Tissue transglutaminase mediates activation of RhoA and MAP kinase pathways during retinoic acid-induced neuronal differentiation of SH-SY5Y cells

All-trans-retinoic acid (RA) plays a crucial role in survival and differentiation of neurons. For elucidating signaling mechanisms involved in RA-induced neuronal differentiation, we have selected SH-SY5Y cells, which are an established in vitro cell model for studying RA signaling. Here we report that RA-induced neuronal differentiation of SH-SY5Y cells is coupled with increased expression/activation of TGase and in vivo transamidation and activation of RhoA. In addition, RA promotes formation of stress fibers and focal adhesion complexes, and activation of ERK1/2, JNK1, and p38alpha/beta/gamma MAP kinases. Using C-3 exoenzyme (RhoA inhibitor) or monodansylcadaverine (TGase inhibitor), we show that transamidated RhoA regulates cytoskeletal rearrangement and activation of ERK1/2 and p38gamma MAP kinases. Further, by using stable SH-SY5Y cell lines (overexpressing wild-type, C277S mutant, and antisense TGase), we demonstrate that transglutaminase activity is required for activation of RhoA, ERK1/2, JNK1, and p38gamma MAP kinases. Activated MAP kinases differentially regulate RA-induced neurite outgrowth and neuronal marker expression. The results of our studies suggest a novel mechanism of RA signaling, which involves activation of TGase and transamidation of RhoA. RA-induced activation of TGase is proposed to induce multiple signaling pathways that regulate neuronal differentiation.

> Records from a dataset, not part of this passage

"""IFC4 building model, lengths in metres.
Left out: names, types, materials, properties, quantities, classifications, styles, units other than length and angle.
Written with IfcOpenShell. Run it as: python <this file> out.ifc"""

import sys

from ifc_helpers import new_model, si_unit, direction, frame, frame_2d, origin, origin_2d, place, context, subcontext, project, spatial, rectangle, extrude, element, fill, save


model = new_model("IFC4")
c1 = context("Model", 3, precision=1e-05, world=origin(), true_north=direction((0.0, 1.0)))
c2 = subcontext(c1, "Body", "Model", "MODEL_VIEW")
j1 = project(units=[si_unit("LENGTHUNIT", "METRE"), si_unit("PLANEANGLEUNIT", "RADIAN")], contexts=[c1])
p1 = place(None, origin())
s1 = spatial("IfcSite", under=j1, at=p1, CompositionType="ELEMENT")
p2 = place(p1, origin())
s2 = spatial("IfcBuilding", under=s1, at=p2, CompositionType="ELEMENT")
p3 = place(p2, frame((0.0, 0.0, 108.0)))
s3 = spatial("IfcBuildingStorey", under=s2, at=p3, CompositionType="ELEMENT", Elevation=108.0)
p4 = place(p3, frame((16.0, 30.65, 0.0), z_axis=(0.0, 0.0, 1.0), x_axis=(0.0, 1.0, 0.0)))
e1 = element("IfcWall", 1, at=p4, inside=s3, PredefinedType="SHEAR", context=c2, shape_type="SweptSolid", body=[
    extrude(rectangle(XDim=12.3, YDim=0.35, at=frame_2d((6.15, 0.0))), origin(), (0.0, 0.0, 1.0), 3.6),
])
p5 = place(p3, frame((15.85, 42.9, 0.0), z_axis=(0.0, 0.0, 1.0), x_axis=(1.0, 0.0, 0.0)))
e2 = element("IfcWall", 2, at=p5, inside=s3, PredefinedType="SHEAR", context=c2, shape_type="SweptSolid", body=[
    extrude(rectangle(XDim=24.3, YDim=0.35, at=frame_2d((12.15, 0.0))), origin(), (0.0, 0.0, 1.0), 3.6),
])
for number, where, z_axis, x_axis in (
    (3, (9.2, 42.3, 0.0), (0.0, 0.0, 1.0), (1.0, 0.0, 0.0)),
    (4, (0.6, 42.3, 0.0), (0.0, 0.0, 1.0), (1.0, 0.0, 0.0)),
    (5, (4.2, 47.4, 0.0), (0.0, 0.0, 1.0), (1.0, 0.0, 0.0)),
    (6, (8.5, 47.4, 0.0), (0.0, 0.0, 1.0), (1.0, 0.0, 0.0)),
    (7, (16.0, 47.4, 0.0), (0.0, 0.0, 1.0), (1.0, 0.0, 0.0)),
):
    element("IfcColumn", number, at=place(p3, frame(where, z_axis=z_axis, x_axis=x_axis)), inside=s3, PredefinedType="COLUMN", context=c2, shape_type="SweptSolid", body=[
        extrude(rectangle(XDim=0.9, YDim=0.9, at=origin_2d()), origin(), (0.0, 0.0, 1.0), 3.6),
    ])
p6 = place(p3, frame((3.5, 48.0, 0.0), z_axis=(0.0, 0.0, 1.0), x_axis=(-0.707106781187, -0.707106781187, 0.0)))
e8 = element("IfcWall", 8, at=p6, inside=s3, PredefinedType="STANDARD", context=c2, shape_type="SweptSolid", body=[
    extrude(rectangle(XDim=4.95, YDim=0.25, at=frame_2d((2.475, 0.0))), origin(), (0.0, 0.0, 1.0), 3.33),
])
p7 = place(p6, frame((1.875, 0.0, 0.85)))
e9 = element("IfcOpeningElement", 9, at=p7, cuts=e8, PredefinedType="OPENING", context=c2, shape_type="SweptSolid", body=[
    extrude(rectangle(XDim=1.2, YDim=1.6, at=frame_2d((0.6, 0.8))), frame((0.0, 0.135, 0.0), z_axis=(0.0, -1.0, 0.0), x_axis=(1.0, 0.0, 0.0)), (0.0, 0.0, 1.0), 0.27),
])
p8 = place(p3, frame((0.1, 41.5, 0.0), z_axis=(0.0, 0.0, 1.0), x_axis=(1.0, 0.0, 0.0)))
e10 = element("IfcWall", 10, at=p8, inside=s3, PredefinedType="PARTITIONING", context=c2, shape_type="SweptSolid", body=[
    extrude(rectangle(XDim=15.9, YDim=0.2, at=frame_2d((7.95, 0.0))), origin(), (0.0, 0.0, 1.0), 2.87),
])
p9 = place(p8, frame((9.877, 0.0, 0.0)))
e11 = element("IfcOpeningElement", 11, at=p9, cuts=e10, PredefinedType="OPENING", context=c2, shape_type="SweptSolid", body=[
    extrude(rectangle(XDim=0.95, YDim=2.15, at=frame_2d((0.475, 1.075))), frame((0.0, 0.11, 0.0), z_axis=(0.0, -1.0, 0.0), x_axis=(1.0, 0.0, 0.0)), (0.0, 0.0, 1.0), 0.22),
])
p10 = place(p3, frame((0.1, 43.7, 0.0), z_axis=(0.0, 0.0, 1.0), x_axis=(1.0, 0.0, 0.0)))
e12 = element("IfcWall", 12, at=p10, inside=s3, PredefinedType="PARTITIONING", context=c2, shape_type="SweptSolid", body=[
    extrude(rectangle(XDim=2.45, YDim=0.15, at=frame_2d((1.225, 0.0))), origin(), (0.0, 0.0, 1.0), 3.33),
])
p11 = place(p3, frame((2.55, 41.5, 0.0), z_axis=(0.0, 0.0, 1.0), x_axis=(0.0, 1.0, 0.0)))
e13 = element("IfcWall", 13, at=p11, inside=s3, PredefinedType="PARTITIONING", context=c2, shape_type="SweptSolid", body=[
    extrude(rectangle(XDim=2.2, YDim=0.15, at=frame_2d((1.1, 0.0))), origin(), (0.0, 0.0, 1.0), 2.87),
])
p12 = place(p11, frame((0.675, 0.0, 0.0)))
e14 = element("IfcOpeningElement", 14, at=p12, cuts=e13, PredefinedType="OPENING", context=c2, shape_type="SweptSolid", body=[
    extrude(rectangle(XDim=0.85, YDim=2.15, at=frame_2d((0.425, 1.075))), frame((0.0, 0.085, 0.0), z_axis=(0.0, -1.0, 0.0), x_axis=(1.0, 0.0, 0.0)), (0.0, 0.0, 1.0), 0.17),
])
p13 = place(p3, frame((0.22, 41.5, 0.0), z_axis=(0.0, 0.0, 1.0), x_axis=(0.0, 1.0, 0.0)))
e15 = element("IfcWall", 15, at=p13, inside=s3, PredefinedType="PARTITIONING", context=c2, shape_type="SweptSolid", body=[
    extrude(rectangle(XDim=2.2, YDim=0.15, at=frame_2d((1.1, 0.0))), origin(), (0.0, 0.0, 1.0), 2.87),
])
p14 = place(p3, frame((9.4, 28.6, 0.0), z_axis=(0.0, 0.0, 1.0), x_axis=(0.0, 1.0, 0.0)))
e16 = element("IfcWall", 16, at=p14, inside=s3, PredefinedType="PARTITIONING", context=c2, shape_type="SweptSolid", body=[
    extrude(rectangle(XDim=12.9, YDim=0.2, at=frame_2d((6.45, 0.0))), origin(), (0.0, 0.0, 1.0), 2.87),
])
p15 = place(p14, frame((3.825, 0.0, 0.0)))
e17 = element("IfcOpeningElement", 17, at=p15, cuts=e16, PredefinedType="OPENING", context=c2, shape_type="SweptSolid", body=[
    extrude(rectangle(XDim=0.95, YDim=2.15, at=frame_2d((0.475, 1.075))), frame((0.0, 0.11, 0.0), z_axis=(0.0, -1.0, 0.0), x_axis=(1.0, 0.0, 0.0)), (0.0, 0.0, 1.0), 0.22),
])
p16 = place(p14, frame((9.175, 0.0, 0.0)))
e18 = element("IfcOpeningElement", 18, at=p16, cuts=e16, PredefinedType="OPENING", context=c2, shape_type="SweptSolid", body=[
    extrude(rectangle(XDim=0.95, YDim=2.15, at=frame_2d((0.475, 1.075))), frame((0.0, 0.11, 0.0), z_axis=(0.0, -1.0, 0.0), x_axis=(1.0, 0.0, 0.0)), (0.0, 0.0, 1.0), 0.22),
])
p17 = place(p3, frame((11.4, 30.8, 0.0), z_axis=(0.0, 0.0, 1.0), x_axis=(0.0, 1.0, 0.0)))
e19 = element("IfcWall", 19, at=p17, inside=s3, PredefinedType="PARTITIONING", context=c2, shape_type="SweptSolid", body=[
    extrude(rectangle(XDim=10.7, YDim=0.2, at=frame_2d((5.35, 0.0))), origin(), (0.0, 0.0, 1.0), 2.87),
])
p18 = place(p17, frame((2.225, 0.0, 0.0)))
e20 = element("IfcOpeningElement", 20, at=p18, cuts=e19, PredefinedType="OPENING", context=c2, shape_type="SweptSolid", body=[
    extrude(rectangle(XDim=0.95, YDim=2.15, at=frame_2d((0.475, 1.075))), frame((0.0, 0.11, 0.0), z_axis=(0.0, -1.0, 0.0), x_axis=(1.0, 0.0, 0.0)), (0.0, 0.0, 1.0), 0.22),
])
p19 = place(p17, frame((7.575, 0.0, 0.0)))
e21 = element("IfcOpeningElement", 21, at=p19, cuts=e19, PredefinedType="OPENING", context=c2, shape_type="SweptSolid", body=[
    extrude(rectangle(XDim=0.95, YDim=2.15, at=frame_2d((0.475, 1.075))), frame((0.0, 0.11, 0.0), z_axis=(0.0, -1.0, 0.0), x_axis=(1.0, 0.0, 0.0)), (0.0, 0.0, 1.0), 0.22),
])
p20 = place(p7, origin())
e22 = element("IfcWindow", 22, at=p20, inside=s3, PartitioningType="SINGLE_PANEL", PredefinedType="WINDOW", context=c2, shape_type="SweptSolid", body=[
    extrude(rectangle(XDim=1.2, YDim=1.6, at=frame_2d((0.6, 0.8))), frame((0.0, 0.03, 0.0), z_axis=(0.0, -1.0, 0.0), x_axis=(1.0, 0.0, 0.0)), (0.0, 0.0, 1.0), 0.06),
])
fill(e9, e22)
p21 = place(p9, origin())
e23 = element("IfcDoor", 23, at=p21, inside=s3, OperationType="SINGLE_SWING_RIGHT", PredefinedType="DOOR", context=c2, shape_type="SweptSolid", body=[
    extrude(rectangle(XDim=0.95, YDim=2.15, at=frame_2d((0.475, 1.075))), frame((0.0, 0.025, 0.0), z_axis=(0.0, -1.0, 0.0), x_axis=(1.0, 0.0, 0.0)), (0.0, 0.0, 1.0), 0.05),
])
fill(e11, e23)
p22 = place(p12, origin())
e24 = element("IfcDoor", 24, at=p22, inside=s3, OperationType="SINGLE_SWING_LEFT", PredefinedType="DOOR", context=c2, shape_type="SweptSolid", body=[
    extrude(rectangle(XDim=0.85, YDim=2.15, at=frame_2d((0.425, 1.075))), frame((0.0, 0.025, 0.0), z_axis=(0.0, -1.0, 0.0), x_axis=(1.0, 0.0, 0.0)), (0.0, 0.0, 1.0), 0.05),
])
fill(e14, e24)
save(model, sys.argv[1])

A PKCbeta isoform mediates phorbol ester-induced activation of Erk1/2 and expression of neuronal differentiation genes in neuroblastoma cells

Protein kinase C (PKC) activation induces neuronal differentiation of SH-SY5Y neuroblastoma cells. This study examines the role of PKCbeta isoforms in this process. The PKCbeta-specific inhibitor LY379196 had no effect on 12-O-tetradecanoylphorbol 13-acetate (TPA)-induced neurite outgrowth from SH-SY5Y neuroblastoma cells. On the other hand, PKCbeta inhibition suppressed the TPA-stimulated increase in neuropeptide Y mRNA, activation of neuropeptide Y gene promoter elements, and phosphorylation of Erk1/2. The TPA-induced increase in neuropeptide Y expression was also inhibited by the MEK inhibitor PD98059. These data indicate that activation of a PKCbeta isoform, through a pathway involving Erk1/2, leads to increased expression of neuronal differentiation genes in neuroblastoma cells.